What makes ionic liquid electrolytes different — and why it matters now

Ionic liquid (IL) electrolytes are all-ionic, room-temperature molten salts: large organic cations paired with weakly coordinating anions that remain liquid without any molecular solvent. Unlike conventional organic carbonate electrolytes, they combine negligible vapour pressure, non-flammability, electrochemical stability windows of 4–6 V vs. Li/Li⁺, and thermal stability exceeding 200–300 °C — properties that make them fundamentally different in kind, not merely degree, from the electrolytes currently inside most commercial lithium-ion cells.

4–6 V
Electrochemical stability window vs. Li/Li⁺
200–300 °C
Thermal stability threshold
80+
Patent & literature records analysed (2011–2024)
15+
Countries with contributing institutions

The dominant cation families in this dataset are pyrrolidinium (N-butyl-N-methylpyrrolidinium, Pyr14) and imidazolium (1-ethyl-3-methylimidazolium, EMIM; 1-butyl-3-methylimidazolium, BMIM), while TFSI⁻ and FSI⁻ are the most widely researched anion counterparts. The field spans at least five distinct sub-domains: pure IL electrolytes, IL/polymer hybrid electrolytes (gel and semi-solid), polymerized ionic liquids (PILs), IL@metal-organic framework (MOF) composites, and IL-modified aqueous water-in-salt systems.

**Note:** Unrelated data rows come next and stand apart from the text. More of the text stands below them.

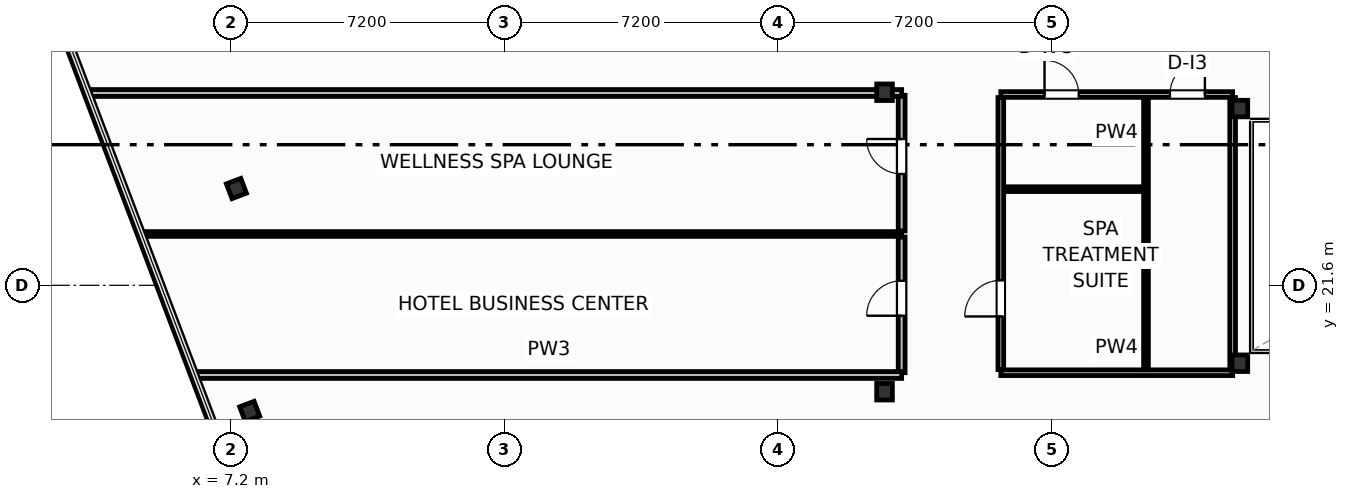
"""IFC4 building model, lengths in metres.
Left out: names, types, materials, properties, quantities, classifications, styles, units other than length and angle.
Written with IfcOpenShell. Run it as: python <this file> out.ifc"""

import sys

from ifc_helpers import new_model, si_unit, direction, frame, frame_2d, origin, origin_2d, place, context, subcontext, project, spatial, rectangle, i_section, extrude, element, fill, save


model = new_model("IFC4")
c1 = context("Model", 3, precision=1e-05, world=origin(), true_north=direction((0.0, 1.0)))
c2 = subcontext(c1, "Body", "Model", "MODEL_VIEW")
j1 = project(units=[si_unit("LENGTHUNIT", "METRE"), si_unit("PLANEANGLEUNIT", "RADIAN")], contexts=[c1])
p1 = place(None, origin())
s1 = spatial("IfcSite", under=j1, at=p1, CompositionType="ELEMENT")
p2 = place(p1, origin())
s2 = spatial("IfcBuilding", under=s1, at=p2, CompositionType="ELEMENT")
p3 = place(p2, frame((0.0, 0.0, 242.3)))
s3 = spatial("IfcBuildingStorey", under=s2, at=p3, CompositionType="ELEMENT", Elevation=242.3)
for number, where, z_axis, x_axis in (
    (1, (33.75, 19.55, 0.0), (0.0, 0.0, 1.0), (1.0, 0.0, 0.0)),
    (2, (33.75, 26.25, 0.0), (0.0, 0.0, 1.0), (1.0, 0.0, 0.0)),
    (3, (24.4, 18.8, 0.0), (0.0, 0.0, 1.0), (1.0, 0.0, 0.0)),
    (4, (24.4, 26.68, 0.0), (0.0, 0.0, 1.0), (1.0, 0.0, 0.0)),
):
    element("IfcColumn", number, at=place(p3, frame(where, z_axis=z_axis, x_axis=x_axis)), inside=s3, PredefinedType="COLUMN", context=c2, shape_type="SweptSolid", body=[
        extrude(i_section(OverallWidth=0.412, OverallDepth=0.435, WebThickness=0.036, FlangeThickness=0.057, FilletRadius=0.025, at=origin_2d()), origin(), (0.0, 0.0, 1.0), 3.7),
    ])
for number, where, z_axis, x_axis in (
    (5, (7.345, 24.146, 0.0), (0.0, 0.0, 1.0), (0.935, 0.354, 0.0)),
    (6, (7.695, 18.281, 0.0), (0.0, 0.0, 1.0), (0.935, 0.354, 0.0)),
):
    element("IfcColumn", number, at=place(p3, frame(where, z_axis=z_axis, x_axis=x_axis)), inside=s3, PredefinedType="COLUMN", context=c2, shape_type="SweptSolid", body=[
        extrude(i_section(OverallWidth=0.406, OverallDepth=0.416, WebThickness=0.03, FlangeThickness=0.048, FilletRadius=0.025, at=origin_2d()), origin(), (0.0, 0.0, 1.0), 3.7),
    ])
p4 = place(p3, frame((24.85, 19.3, 0.0), z_axis=(0.0, 0.0, 1.0), x_axis=(0.0, 1.0, 0.0)))
e7 = element("IfcWall", 7, at=p4, inside=s3, PredefinedType="PARTITIONING", context=c2, shape_type="SweptSolid", body=[
    extrude(rectangle(XDim=3.57, YDim=0.18, at=frame_2d((1.785, 0.0))), origin(), (0.0, 0.0, 1.0), 3.45),
])
p5 = place(p4, frame((1.5, 0.0, 0.0)))
e8 = element("IfcOpeningElement", 8, at=p5, cuts=e7, PredefinedType="OPENING", context=c2, shape_type="SweptSolid", body=[
    extrude(rectangle(XDim=0.92, YDim=2.05, at=frame_2d((0.46, 1.025))), frame((0.0, 0.1, 0.0), z_axis=(0.0, -1.0, 0.0), x_axis=(1.0, 0.0, 0.0)), (0.0, 0.0, 1.0), 0.2),
])
p6 = place(p3, frame((24.85, 23.03, 0.0), z_axis=(0.0, 0.0, 1.0), x_axis=(0.0, 1.0, 0.0)))
e9 = element("IfcWall", 9, at=p6, inside=s3, PredefinedType="PARTITIONING", context=c2, shape_type="SweptSolid", body=[
    extrude(rectangle(XDim=3.57, YDim=0.18, at=frame_2d((1.785, 0.0))), origin(), (0.0, 0.0, 1.0), 3.45),
])
p7 = place(p6, frame((1.5, 0.0, 0.0)))
e10 = element("IfcOpeningElement", 10, at=p7, cuts=e9, PredefinedType="OPENING", context=c2, shape_type="SweptSolid", body=[
    extrude(rectangle(XDim=0.92, YDim=2.05, at=frame_2d((0.46, 1.025))), frame((0.0, 0.1, 0.0), z_axis=(0.0, -1.0, 0.0), x_axis=(1.0, 0.0, 0.0)), (0.0, 0.0, 1.0), 0.2),
])
p8 = place(p3, frame((4.887, 22.95, 0.0), z_axis=(0.0, 0.0, 1.0), x_axis=(1.0, 0.0, 0.0)))
e11 = element("IfcWall", 11, at=p8, inside=s3, PredefinedType="PARTITIONING", context=c2, shape_type="SweptSolid", body=[
    extrude(rectangle(XDim=19.963, YDim=0.125, at=frame_2d((9.982, 0.0))), origin(), (0.0, 0.0, 1.0), 3.45),
])
p9 = place(p3, frame((6.291, 19.24, 0.0), z_axis=(0.0, 0.0, 1.0), x_axis=(1.0, 0.0, 0.0)))
e12 = element("IfcWall", 12, at=p9, inside=s3, PredefinedType="PARTITIONING", context=c2, shape_type="SweptSolid", body=[
    extrude(rectangle(XDim=18.559, YDim=0.18, at=frame_2d((9.279, 0.0))), origin(), (0.0, 0.0, 1.0), 3.45),
])
p10 = place(p3, frame((3.482, 26.66, 0.0), z_axis=(0.0, 0.0, 1.0), x_axis=(1.0, 0.0, 0.0)))
e13 = element("IfcWall", 13, at=p10, inside=s3, PredefinedType="PARTITIONING", context=c2, shape_type="SweptSolid", body=[
    extrude(rectangle(XDim=21.368, YDim=0.18, at=frame_2d((10.684, 0.0))), origin(), (0.0, 0.0, 1.0), 2.662),
])
p11 = place(p3, frame((27.46, 19.3, 0.0), z_axis=(0.0, 0.0, 1.0), x_axis=(1.0, 0.0, 0.0)))
e14 = element("IfcWall", 14, at=p11, inside=s3, PredefinedType="PARTITIONING", context=c2, shape_type="SweptSolid", body=[
    extrude(rectangle(XDim=6.1, YDim=0.15, at=frame_2d((3.05, 0.0))), origin(), (0.0, 0.0, 1.0), 2.662),
])
p12 = place(p3, frame((27.46, 26.62, 0.0), z_axis=(0.0, 0.0, 1.0), x_axis=(1.0, 0.0, 0.0)))
e15 = element("IfcWall", 15, at=p12, inside=s3, PredefinedType="PARTITIONING", context=c2, shape_type="SweptSolid", body=[
    extrude(rectangle(XDim=6.1, YDim=0.15, at=frame_2d((3.05, 0.0))), origin(), (0.0, 0.0, 1.0), 2.662),
])
p13 = place(p12, frame((1.15, 0.0, 0.0)))
e16 = element("IfcOpeningElement", 16, at=p13, cuts=e15, PredefinedType="OPENING", context=c2, shape_type="SweptSolid", body=[
    extrude(rectangle(XDim=0.9, YDim=2.05, at=frame_2d((0.45, 1.025))), frame((0.0, 0.085, 0.0), z_axis=(0.0, -1.0, 0.0), x_axis=(1.0, 0.0, 0.0)), (0.0, 0.0, 1.0), 0.17),
])
p14 = place(p12, frame((4.45, 0.0, 0.0)))
e17 = element("IfcOpeningElement", 17, at=p14, cuts=e15, PredefinedType="OPENING", context=c2, shape_type="SweptSolid", body=[
    extrude(rectangle(XDim=0.92, YDim=2.05, at=frame_2d((0.46, 1.025))), frame((0.0, 0.085, 0.0), z_axis=(0.0, -1.0, 0.0), x_axis=(1.0, 0.0, 0.0)), (0.0, 0.0, 1.0), 0.17),
])
p15 = place(p3, frame((31.28, 19.38, 0.0), z_axis=(0.0, 0.0, 1.0), x_axis=(0.0, 1.0, 0.0)))
e18 = element("IfcWall", 18, at=p15, inside=s3, PredefinedType="PARTITIONING", context=c2, shape_type="SweptSolid", body=[
    extrude(rectangle(XDim=7.16, YDim=0.125, at=frame_2d((3.58, 0.0))), origin(), (0.0, 0.0, 1.0), 3.45),
])
p16 = place(p3, frame((27.52, 24.13, 0.0), z_axis=(0.0, 0.0, 1.0), x_axis=(1.0, 0.0, 0.0)))
e19 = element("IfcWall", 19, at=p16, inside=s3, PredefinedType="PARTITIONING", context=c2, shape_type="SweptSolid", body=[
    extrude(rectangle(XDim=3.7, YDim=0.125, at=frame_2d((1.85, 0.0))), origin(), (0.0, 0.0, 1.0), 3.45),
])
p17 = place(p3, frame((27.46, 19.38, 0.0), z_axis=(0.0, 0.0, 1.0), x_axis=(0.0, 1.0, 0.0)))
e20 = element("IfcWall", 20, at=p17, inside=s3, PredefinedType="PARTITIONING", context=c2, shape_type="SweptSolid", body=[
    extrude(rectangle(XDim=7.16, YDim=0.15, at=frame_2d((3.58, 0.0))), origin(), (0.0, 0.0, 1.0), 3.45),
])
p18 = place(p17, frame((1.4, 0.0, 0.0)))
e21 = element("IfcOpeningElement", 21, at=p18, cuts=e20, PredefinedType="OPENING", context=c2, shape_type="SweptSolid", body=[
    extrude(rectangle(XDim=0.95, YDim=2.05, at=frame_2d((0.475, 1.025))), frame((0.0, 0.085, 0.0), z_axis=(0.0, -1.0, 0.0), x_axis=(1.0, 0.0, 0.0)), (0.0, 0.0, 1.0), 0.17),
])
p19 = place(p3, frame((33.56, 19.38, 0.0), z_axis=(0.0, 0.0, 1.0), x_axis=(0.0, 1.0, 0.0)))
e22 = element("IfcWall", 22, at=p19, inside=s3, PredefinedType="PARTITIONING", context=c2, shape_type="SweptSolid", body=[
    extrude(rectangle(XDim=7.16, YDim=0.15, at=frame_2d((3.58, 0.0))), origin(), (0.0, 0.0, 1.0), 2.824),
])
p20 = place(p5, origin())
e23 = element("IfcDoor", 23, at=p20, inside=s3, OperationType="SINGLE_SWING_LEFT", PredefinedType="DOOR", context=c2, shape_type="SweptSolid", body=[
    extrude(rectangle(XDim=0.92, YDim=2.05, at=frame_2d((0.46, 1.025))), frame((0.0, 0.025, 0.0), z_axis=(0.0, -1.0, 0.0), x_axis=(1.0, 0.0, 0.0)), (0.0, 0.0, 1.0), 0.05),
])
fill(e8, e23)
p21 = place(p7, origin())
e24 = element("IfcDoor", 24, at=p21, inside=s3, OperationType="SINGLE_SWING_RIGHT", PredefinedType="DOOR", context=c2, shape_type="SweptSolid", body=[
    extrude(rectangle(XDim=0.92, YDim=2.05, at=frame_2d((0.46, 1.025))), frame((0.0, 0.025, 0.0), z_axis=(0.0, -1.0, 0.0), x_axis=(1.0, 0.0, 0.0)), (0.0, 0.0, 1.0), 0.05),
])
fill(e10, e24)
p22 = place(p13, origin())
e25 = element("IfcDoor", 25, at=p22, inside=s3, OperationType="SINGLE_SWING_LEFT", PredefinedType="DOOR", context=c2, shape_type="SweptSolid", body=[
    extrude(rectangle(XDim=0.9, YDim=2.05, at=frame_2d((0.45, 1.025))), frame((0.0, 0.025, 0.0), z_axis=(0.0, -1.0, 0.0), x_axis=(1.0, 0.0, 0.0)), (0.0, 0.0, 1.0), 0.05),
])
fill(e16, e25)
p23 = place(p14, origin())
e26 = element("IfcDoor", 26, at=p23, inside=s3, OperationType="SINGLE_SWING_RIGHT", PredefinedType="DOOR", context=c2, shape_type="SweptSolid", body=[
    extrude(rectangle(XDim=0.92, YDim=2.05, at=frame_2d((0.46, 1.025))), frame((0.0, 0.025, 0.0), z_axis=(0.0, -1.0, 0.0), x_axis=(1.0, 0.0, 0.0)), (0.0, 0.0, 1.0), 0.05),
])
fill(e17, e26)
p24 = place(p18, origin())
e27 = element("IfcDoor", 27, at=p24, inside=s3, OperationType="SINGLE_SWING_LEFT", PredefinedType="DOOR", context=c2, shape_type="SweptSolid", body=[
    extrude(rectangle(XDim=0.95, YDim=2.05, at=frame_2d((0.475, 1.025))), frame((0.0, 0.025, 0.0), z_axis=(0.0, -1.0, 0.0), x_axis=(1.0, 0.0, 0.0)), (0.0, 0.0, 1.0), 0.05),
])
fill(e21, e27)
save(model, sys.argv[1])

What is a polymerized ionic liquid (PIL)?

A polymerized ionic liquid (PIL) is created by covalently incorporating ionic liquid monomers into a polymer backbone, combining the mechanical processability of solid-state electrolytes with the ionic conductivity and electrochemical stability of ILs. PIL-bonded LATP composites achieved ionic conductivity of 1.2 × 10⁻³ S/cm — one order of magnitude above pristine LATP — while maintaining flexibility, according to Sun Yat-Sen University (2022).

The urgency behind IL electrolyte research is driven by two converging pressures: escalating safety failures in conventional lithium-ion systems, where flammable organic solvents remain the primary thermal runaway fuel; and the emergence of post-lithium chemistries — sodium, magnesium, aluminum — where organic electrolytes are structurally inadequate. According to WIPO, battery technology patent filings have grown substantially year-on-year, with electrolyte safety and solid-state formats among the fastest-growing sub-categories.

Ionic liquid electrolytes exhibit electrochemical stability windows of 4–6 V vs. Li/Li⁺ and thermal stability exceeding 200–300 °C — properties that make them non-flammable and non-volatile alternatives to conventional organic carbonate electrolytes used in lithium-ion batteries.

Three phases of innovation: from proof-of-concept to AI-assisted design

Based on publication dates across the 80+ records in this dataset, the IL electrolyte field has progressed through three distinct phases — each marked by a broadening of application scope and a deepening of formulation sophistication.

Figure 1 — Ionic Liquid Electrolyte Innovation Phases (2011–2024)
Ionic Liquid Electrolyte Innovation Phases: Early Foundations, Growth and Diversification, Maturation and Integration (2011–2024) Early Foundations 2011–2016 EDLC & LIB viability Growth & Diversification 2017–2020 Al, Na, hybrid IL/polymer Maturation & Integration 2021–2024 MOF, PIL, AI design 2011 2017 2024
The IL electrolyte field has evolved from EDLC and LIB feasibility demonstrations (2011–2016) through post-lithium and hybrid system diversification (2017–2020) to MOF integration, PIL design, and AI-assisted formulation (2021–2024).

The Early Foundations phase (2011–2016) established non-volatility and non-flammability as core advantages for electric double layer capacitors and lithium-ion batteries. Tsuruoka National College of Technology published a foundational 2011 review on IL applications for EDLCs, while Zhejiang University’s 2016 systematic taxonomy introduced five electrolyte classes including ILs as a coherent framework for the field.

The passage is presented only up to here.